DETAILED DESCRIPTION OF THE INVENTION

The following description is provided to enable any person skilled in the art to make and use the invention and sets forth the best modes contemplated by the inventor of carrying out his invention. Various modifications, however, will remain readily apparent to those skilled in the art, since the general principles of the present invention have been defined herein specifically to provide an improved and environmentally safe composition for recovering bitumen from oil sands.

As used herein, the term “about” means “approximately,” and, in any event, may indicate as much as a 10% deviation from the number being modified.

Process

As explained in more detail below the current composition is directly useable in the current CHWE process. However, it somewhat modifies the way in which the process attains its results. The most apparent differences and advantages are the need for much lower amounts of energy because the water temperature is much lower and the use of environmentally safe additives so that the effluents from the process are harmless.

The process conceptually consists of four phases which are interdigitated into the CHWE process steps.
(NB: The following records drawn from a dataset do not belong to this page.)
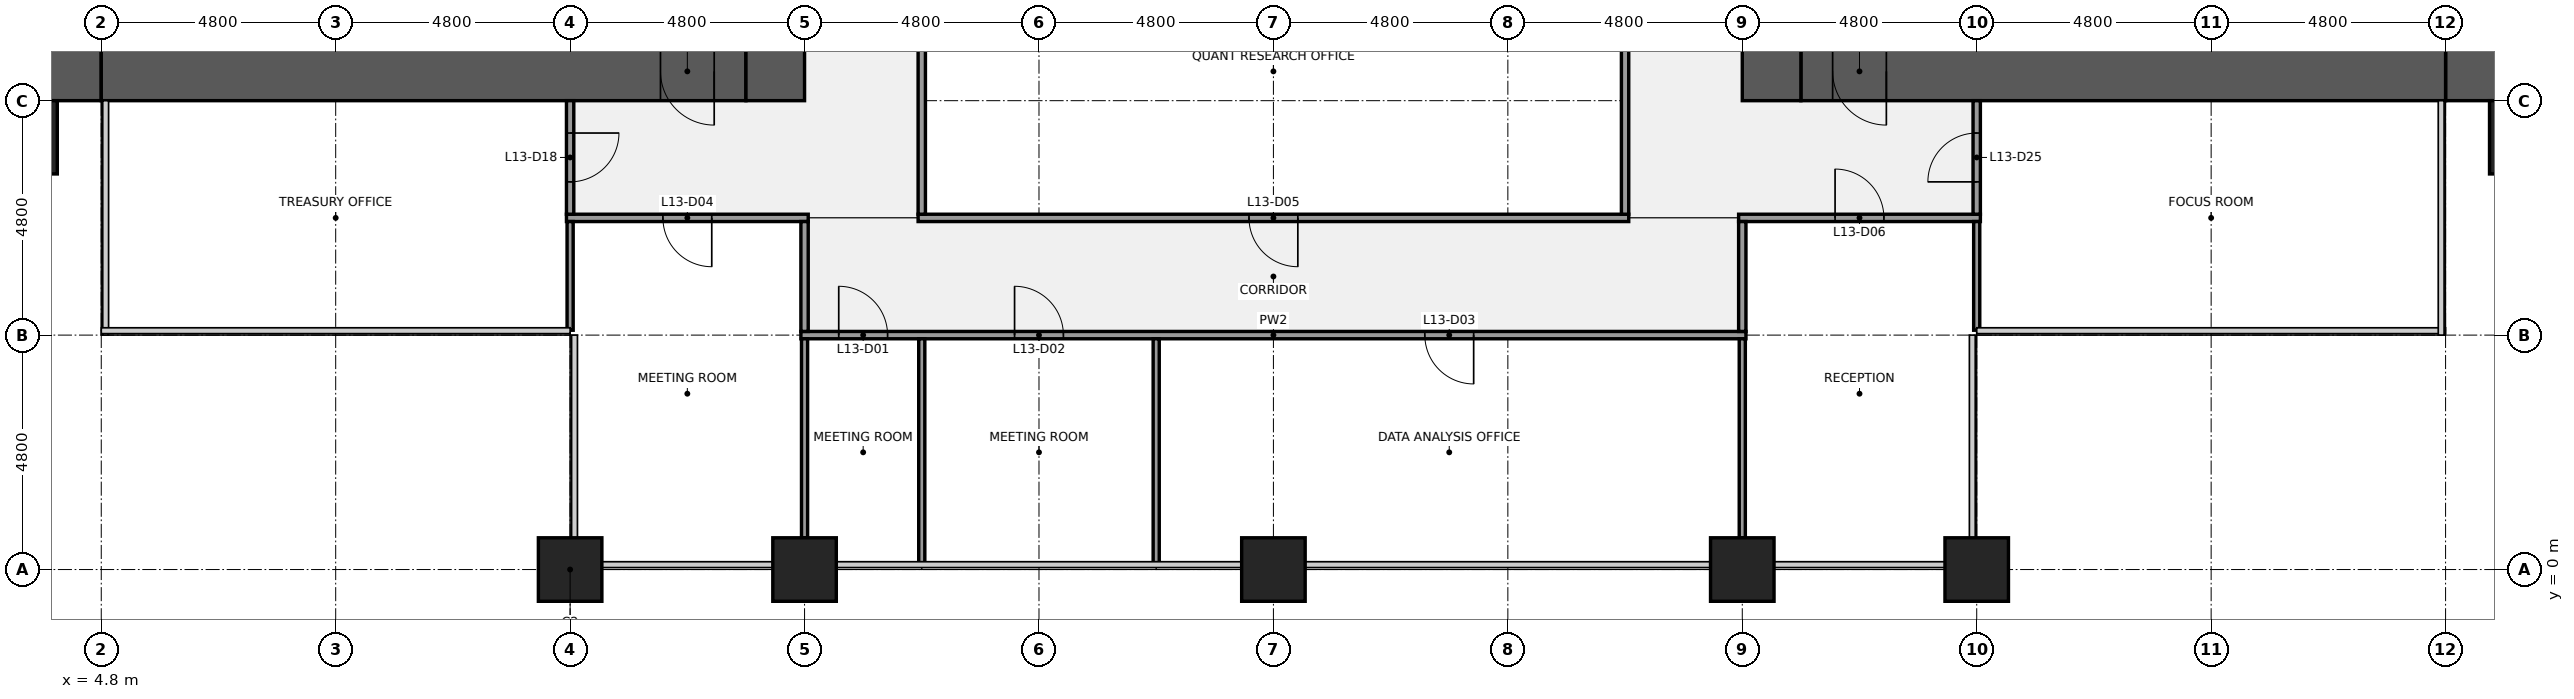
"""IFC4 building model, lengths in metres.
Left out: names, types, materials, properties, quantities, classifications, styles, units other than length and angle.
Written with IfcOpenShell. Run it as: python <this file> out.ifc"""

import sys

from ifc_helpers import new_model, si_unit, direction, frame, frame_2d, origin, origin_2d, place, context, subcontext, project, spatial, rectangle, extrude, element, fill, save


model = new_model("IFC4")
c1 = context("Model", 3, precision=1e-05, world=origin(), true_north=direction((0.0, 1.0)))
c2 = subcontext(c1, "Body", "Model", "MODEL_VIEW")
j1 = project(units=[si_unit("LENGTHUNIT", "METRE"), si_unit("PLANEANGLEUNIT", "RADIAN")], contexts=[c1])
p1 = place(None, origin())
s1 = spatial("IfcSite", under=j1, at=p1, CompositionType="ELEMENT")
p2 = place(p1, origin())
s2 = spatial("IfcBuilding", under=s1, at=p2, CompositionType="ELEMENT")
p3 = place(p2, frame((0.0, 0.0, 63.0)))
s3 = spatial("IfcBuildingStorey", under=s2, at=p3, CompositionType="ELEMENT", Elevation=63.0)
for number, where, z_axis, x_axis in (
    (1, (14.4, 0.0, 0.0), (0.0, 0.0, 1.0), (1.0, 0.0, 0.0)),
    (2, (19.2, 0.0, 0.0), (0.0, 0.0, 1.0), (1.0, 0.0, 0.0)),
    (3, (28.8, 0.0, 0.0), (0.0, 0.0, 1.0), (1.0, 0.0, 0.0)),
    (4, (38.4, 0.0, 0.0), (0.0, 0.0, 1.0), (1.0, 0.0, 0.0)),
    (5, (43.2, 0.0, 0.0), (0.0, 0.0, 1.0), (1.0, 0.0, 0.0)),
):
    element("IfcColumn", number, at=place(p3, frame(where, z_axis=z_axis, x_axis=x_axis)), inside=s3, PredefinedType="COLUMN", context=c2, shape_type="SweptSolid", body=[
        extrude(rectangle(XDim=1.3, YDim=1.3, at=origin_2d()), origin(), (0.0, 0.0, 1.0), 4.0),
    ])
p4 = place(p3, frame((4.8, 10.2, 0.0), z_axis=(0.0, 0.0, 1.0), x_axis=(-1.0, 0.0, 0.0)))
e6 = element("IfcWall", 6, at=p4, inside=s3, PredefinedType="SHEAR", context=c2, shape_type="SweptSolid", body=[
    extrude(rectangle(XDim=3.6, YDim=1.2, at=frame_2d((1.8, 0.0))), origin(), (0.0, 0.0, 1.0), 3.84),
])
p5 = place(p3, frame((18.0, 10.2, 0.0), z_axis=(0.0, 0.0, 1.0), x_axis=(-1.0, 0.0, 0.0)))
e7 = element("IfcWall", 7, at=p5, inside=s3, PredefinedType="SHEAR", context=c2, shape_type="SweptSolid", body=[
    extrude(rectangle(XDim=13.2, YDim=1.2, at=frame_2d((6.6, 0.0))), origin(), (0.0, 0.0, 1.0), 3.84),
])
p6 = place(p5, frame((0.65, 0.0, 0.0)))
e8 = element("IfcOpeningElement", 8, at=p6, cuts=e7, PredefinedType="OPENING", context=c2, shape_type="SweptSolid", body=[
    extrude(rectangle(XDim=1.1, YDim=2.1, at=frame_2d((0.55, 1.05))), frame((0.0, 0.61, 0.0), z_axis=(0.0, -1.0, 0.0), x_axis=(1.0, 0.0, 0.0)), (0.0, 0.0, 1.0), 1.22),
])
p7 = place(p3, frame((18.6, 38.4, 0.0), z_axis=(0.0, 0.0, 1.0), x_axis=(0.0, -1.0, 0.0)))
e9 = element("IfcWall", 9, at=p7, inside=s3, PredefinedType="SHEAR", context=c2, shape_type="SweptSolid", body=[
    extrude(rectangle(XDim=28.8, YDim=1.2, at=frame_2d((14.4, 0.0))), origin(), (0.0, 0.0, 1.0), 3.84),
])
p8 = place(p7, frame((18.3, 0.0, 0.0)))
e10 = element("IfcOpeningElement", 10, at=p8, cuts=e9, PredefinedType="OPENING", context=c2, shape_type="SweptSolid", body=[
    extrude(rectangle(XDim=1.8, YDim=2.1, at=frame_2d((0.9, 1.05))), frame((0.0, 0.61, 0.0), z_axis=(0.0, -1.0, 0.0), x_axis=(1.0, 0.0, 0.0)), (0.0, 0.0, 1.0), 1.22),
])
p9 = place(p7, frame((8.7, 0.0, 0.0)))
e11 = element("IfcOpeningElement", 11, at=p9, cuts=e9, PredefinedType="OPENING", context=c2, shape_type="SweptSolid", body=[
    extrude(rectangle(XDim=1.8, YDim=2.1, at=frame_2d((0.9, 1.05))), frame((0.0, 0.61, 0.0), z_axis=(0.0, -1.0, 0.0), x_axis=(1.0, 0.0, 0.0)), (0.0, 0.0, 1.0), 1.22),
])
p10 = place(p3, frame((56.4, 10.2, 0.0), z_axis=(0.0, 0.0, 1.0), x_axis=(-1.0, 0.0, 0.0)))
e12 = element("IfcWall", 12, at=p10, inside=s3, PredefinedType="SHEAR", context=c2, shape_type="SweptSolid", body=[
    extrude(rectangle(XDim=3.6, YDim=1.2, at=frame_2d((1.8, 0.0))), origin(), (0.0, 0.0, 1.0), 3.84),
])
p11 = place(p3, frame((52.8, 10.2, 0.0), z_axis=(0.0, 0.0, 1.0), x_axis=(-1.0, 0.0, 0.0)))
e13 = element("IfcWall", 13, at=p11, inside=s3, PredefinedType="SHEAR", context=c2, shape_type="SweptSolid", body=[
    extrude(rectangle(XDim=13.2, YDim=1.2, at=frame_2d((6.6, 0.0))), origin(), (0.0, 0.0, 1.0), 3.84),
])
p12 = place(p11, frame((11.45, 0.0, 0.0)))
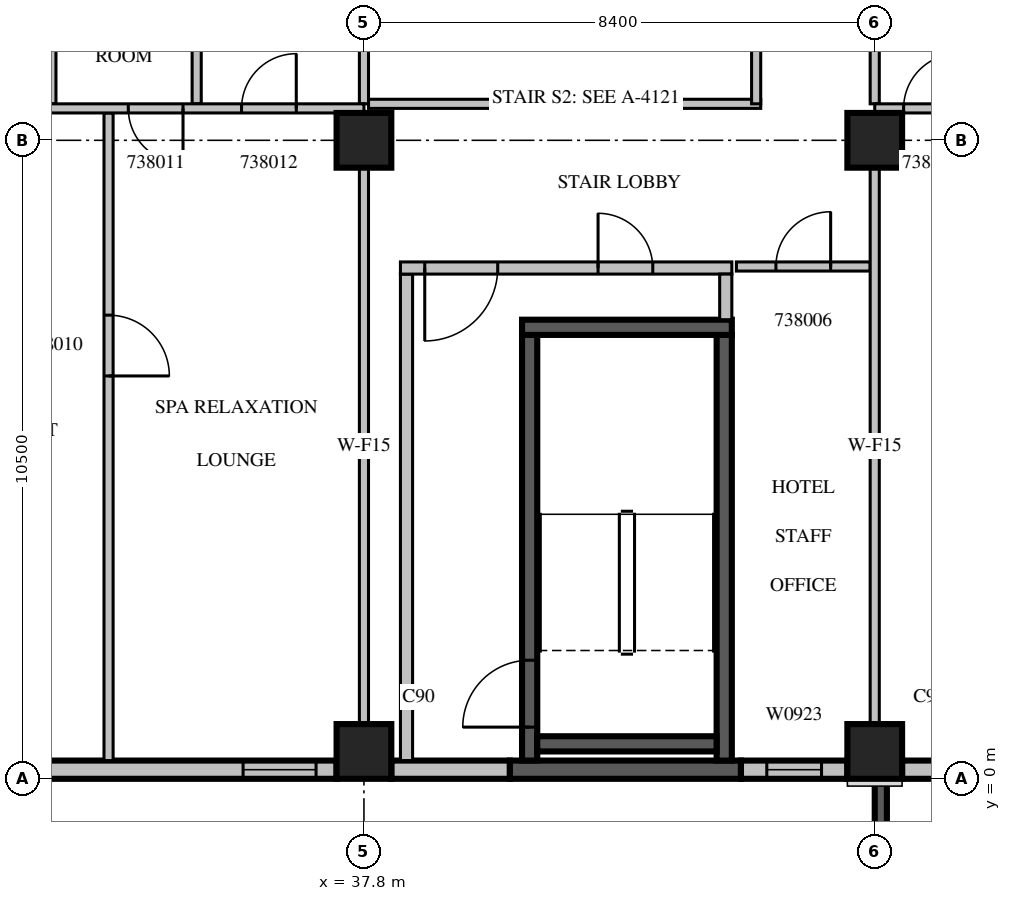
"""IFC4 building model, lengths in metres.
Left out: names, types, materials, properties, quantities, classifications, styles, units other than length and angle.
Written with IfcOpenShell. Run it as: python <this file> out.ifc"""

import sys

from ifc_helpers import new_model, si_unit, direction, frame, frame_2d, origin, origin_2d, place, context, subcontext, project, spatial, rectangle, extrude, source, transform, mapped, element, fill, save


model = new_model("IFC4")
c1 = context("Model", 3, precision=1e-05, world=origin(), true_north=direction((0.0, 1.0)))
c2 = subcontext(c1, "Body", "Model", "MODEL_VIEW")
j1 = project(units=[si_unit("LENGTHUNIT", "METRE"), si_unit("PLANEANGLEUNIT", "RADIAN")], contexts=[c1])
p1 = place(None, origin())
s1 = spatial("IfcSite", under=j1, at=p1, CompositionType="ELEMENT")
p2 = place(p1, origin())
s2 = spatial("IfcBuilding", under=s1, at=p2, CompositionType="ELEMENT")
p3 = place(p2, frame((0.0, 0.0, 177.8)))
s3 = spatial("IfcBuildingStorey", under=s2, at=p3, CompositionType="ELEMENT", Elevation=177.8)
m1 = source(origin(), c2, "Body", "SweptSolid", [
    extrude(rectangle(XDim=0.9, YDim=0.9, at=origin_2d()), origin(), (0.0, 0.0, 1.0), 3.8),
])
for number, where, z_axis, x_axis in (
    (1, (37.8, 0.45, 0.0), (0.0, 0.0, 1.0), (1.0, 0.0, 0.0)),
    (2, (46.2, 0.45, 0.0), (0.0, 0.0, 1.0), (1.0, 0.0, 0.0)),
    (3, (37.8, 10.5, 0.0), (0.0, 0.0, 1.0), (1.0, 0.0, 0.0)),
    (4, (46.2, 10.5, 0.0), (0.0, 0.0, 1.0), (1.0, 0.0, 0.0)),
):
    element("IfcColumn", number, at=place(p3, frame(where, z_axis=z_axis, x_axis=x_axis)), inside=s3, PredefinedType="COLUMN", context=c2, shape_type="MappedRepresentation", body=[
        mapped(m1, transform((0.0, 0.0, 0.0), scale=1.0)),
    ])
p4 = place(p3, frame((29.85, 0.15, 0.0), z_axis=(0.0, 0.0, 1.0), x_axis=(1.0, 0.0, 0.0)))
e5 = element("IfcWall", 5, at=p4, inside=s3, PredefinedType="STANDARD", context=c2, shape_type="SweptSolid", body=[
    extrude(rectangle(XDim=7.5, YDim=0.3, at=frame_2d((3.75, 0.0))), origin(), (0.0, 0.0, 1.0), 3.4),
])
p5 = place(p4, frame((0.438, 0.0, 0.6)))
e6 = element("IfcOpeningElement", 6, at=p5, cuts=e5, PredefinedType="OPENING", context=c2, shape_type="SweptSolid", body=[
    extrude(rectangle(XDim=1.2, YDim=2.3, at=frame_2d((0.6, 1.15))), frame((0.0, 0.16, 0.0), z_axis=(0.0, -1.0, 0.0), x_axis=(1.0, 0.0, 0.0)), (0.0, 0.0, 1.0), 0.32),
])
m2 = source(origin(), c2, "Body", "SweptSolid", [
    extrude(rectangle(XDim=1.2, YDim=2.3, at=frame_2d((0.6, 1.15))), frame((0.0, 0.16, 0.0), z_axis=(0.0, -1.0, 0.0), x_axis=(1.0, 0.0, 0.0)), (0.0, 0.0, 1.0), 0.32),
])
p6 = place(p4, frame((5.963, 0.0, 0.6)))
e7 = element("IfcOpeningElement", 7, at=p6, cuts=e5, PredefinedType="OPENING", context=c2, shape_type="MappedRepresentation", body=[
    mapped(m2, transform((0.0, 0.0, 0.0), scale=1.0)),
])
p7 = place(p3, frame((38.25, 0.15, 0.0), z_axis=(0.0, 0.0, 1.0), x_axis=(1.0, 0.0, 0.0)))
e8 = element("IfcWall", 8, at=p7, inside=s3, PredefinedType="STANDARD", context=c2, shape_type="SweptSolid", body=[
    extrude(rectangle(XDim=1.95, YDim=0.3, at=frame_2d((0.975, 0.0))), origin(), (0.0, 0.0, 1.0), 3.4),
])
p8 = place(p3, frame((40.2, 0.15, 0.0), z_axis=(0.0, 0.0, 1.0), x_axis=(1.0, 0.0, 0.0)))
e9 = element("IfcWall", 9, at=p8, inside=s3, PredefinedType="SOLIDWALL", context=c2, shape_type="SweptSolid", body=[
    extrude(rectangle(XDim=3.8, YDim=0.3, at=frame_2d((1.9, 0.0))), origin(), (0.0, 0.0, 1.0), 3.4),
])
p9 = place(p3, frame((44.0, 0.15, 0.0), z_axis=(0.0, 0.0, 1.0), x_axis=(1.0, 0.0, 0.0)))
e10 = element("IfcWall", 10, at=p9, inside=s3, PredefinedType="STANDARD", context=c2, shape_type="SweptSolid", body=[
    extrude(rectangle(XDim=1.75, YDim=0.3, at=frame_2d((0.875, 0.0))), origin(), (0.0, 0.0, 1.0), 3.4),
])
p10 = place(p9, frame((0.425, 0.0, 0.6)))
e11 = element("IfcOpeningElement", 11, at=p10, cuts=e10, PredefinedType="OPENING", context=c2, shape_type="SweptSolid", body=[
    extrude(rectangle(XDim=0.9, YDim=2.3, at=frame_2d((0.45, 1.15))), frame((0.0, 0.16, 0.0), z_axis=(0.0, -1.0, 0.0), x_axis=(1.0, 0.0, 0.0)), (0.0, 0.0, 1.0), 0.32),
])
p11 = place(p3, frame((46.65, 0.15, 0.0), z_axis=(0.0, 0.0, 1.0), x_axis=(1.0, 0.0, 0.0)))
e12 = element("IfcWall", 12, at=p11, inside=s3, PredefinedType="STANDARD", context=c2, shape_type="SweptSolid", body=[
    extrude(rectangle(XDim=4.98, YDim=0.3, at=frame_2d((2.49, 0.0))), origin(), (0.0, 0.0, 1.0), 3.4),
])
m3 = source(origin(), c2, "Body", "SweptSolid", [
    extrude(rectangle(XDim=1.0, YDim=2.1, at=frame_2d((0.5, 1.05))), frame((0.0, 0.16, 0.0), z_axis=(0.0, -1.0, 0.0), x_axis=(1.0, 0.0, 0.0)), (0.0, 0.0, 1.0), 0.32),
])
p12 = place(p11, frame((1.99, 0.0, 0.0)))
e13 = element("IfcOpeningElement", 13, at=p12, cuts=e12, PredefinedType="OPENING", context=c2, shape_type="MappedRepresentation", body=[
    mapped(m3, transform((0.0, 0.0, 0.0), scale=1.0)),
])
p13 = place(p3, frame((46.3, 0.0, 0.0), z_axis=(0.0, 0.0, 1.0), x_axis=(0.0, -1.0, 0.0)))
e14 = element("IfcWall", 14, at=p13, inside=s3, PredefinedType="SOLIDWALL", context=c2, shape_type="SweptSolid", body=[
    extrude(rectangle(XDim=3.9, YDim=0.2, at=frame_2d((1.95, 0.0))), origin(), (0.0, 0.0, 1.0), 3.39),
])
p14 = place(p13, frame((0.75, 0.0, 0.6)))
e15 = element("IfcOpeningElement", 15, at=p14, cuts=e14, PredefinedType="OPENING", context=c2, shape_type="SweptSolid", body=[
    extrude(rectangle(XDim=2.4, YDim=2.3, at=frame_2d((1.2, 1.15))), frame((0.0, 0.11, 0.0), z_axis=(0.0, -1.0, 0.0), x_axis=(1.0, 0.0, 0.0)), (0.0, 0.0, 1.0), 0.22),
])
p15 = place(p3, frame((40.525, 0.3, 0.0), z_axis=(0.0, 0.0, 1.0), x_axis=(0.0, 1.0, 0.0)))
e16 = element("IfcWall", 16, at=p15, inside=s3, PredefinedType="SOLIDWALL", context=c2, shape_type="SweptSolid", body=[
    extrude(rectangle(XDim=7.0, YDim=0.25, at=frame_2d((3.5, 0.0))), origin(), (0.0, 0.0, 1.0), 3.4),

In the first two phases, Phase I (extraction) and Phase II (separation)—an organic terpenoids solvent such as D-limonene is used to extract the organic compounds. Because the preferred terpenes are non-soluble in water a surfactant is used to decrease the surface tension of water to emulsify the terpene or even make it soluble both in water and in the organic (bitumen) phase. The large bitumen hydrocarbons are extracted by the terpene and surfactant thus freeing them from their bond to the sand. Also, when the terpene dissolves into the bitumen, it decreases both bitumen viscosity and density. The terpene will not extract/interact with all the organic compounds (particularly the low molecular weight and more hydrophilic compounds) in the bitumen. The alcohol and acetone extract and suspend the rest of the organic compound that are not extracted by the surfactant/terpene. Alcohol and acetone have a high affinity for small organic compounds therefore they continue to extract and separate the smaller organic hydrocarbons from the sand. The addition of the sodium carbonate pH builder acts to make the organic compounds more soluble in the organic phase because the amount of base added is not sufficient to saponify them as in the CHWE process. As a result the aqueous phase is not above pH 8 (i.e., fairly close to neutrality).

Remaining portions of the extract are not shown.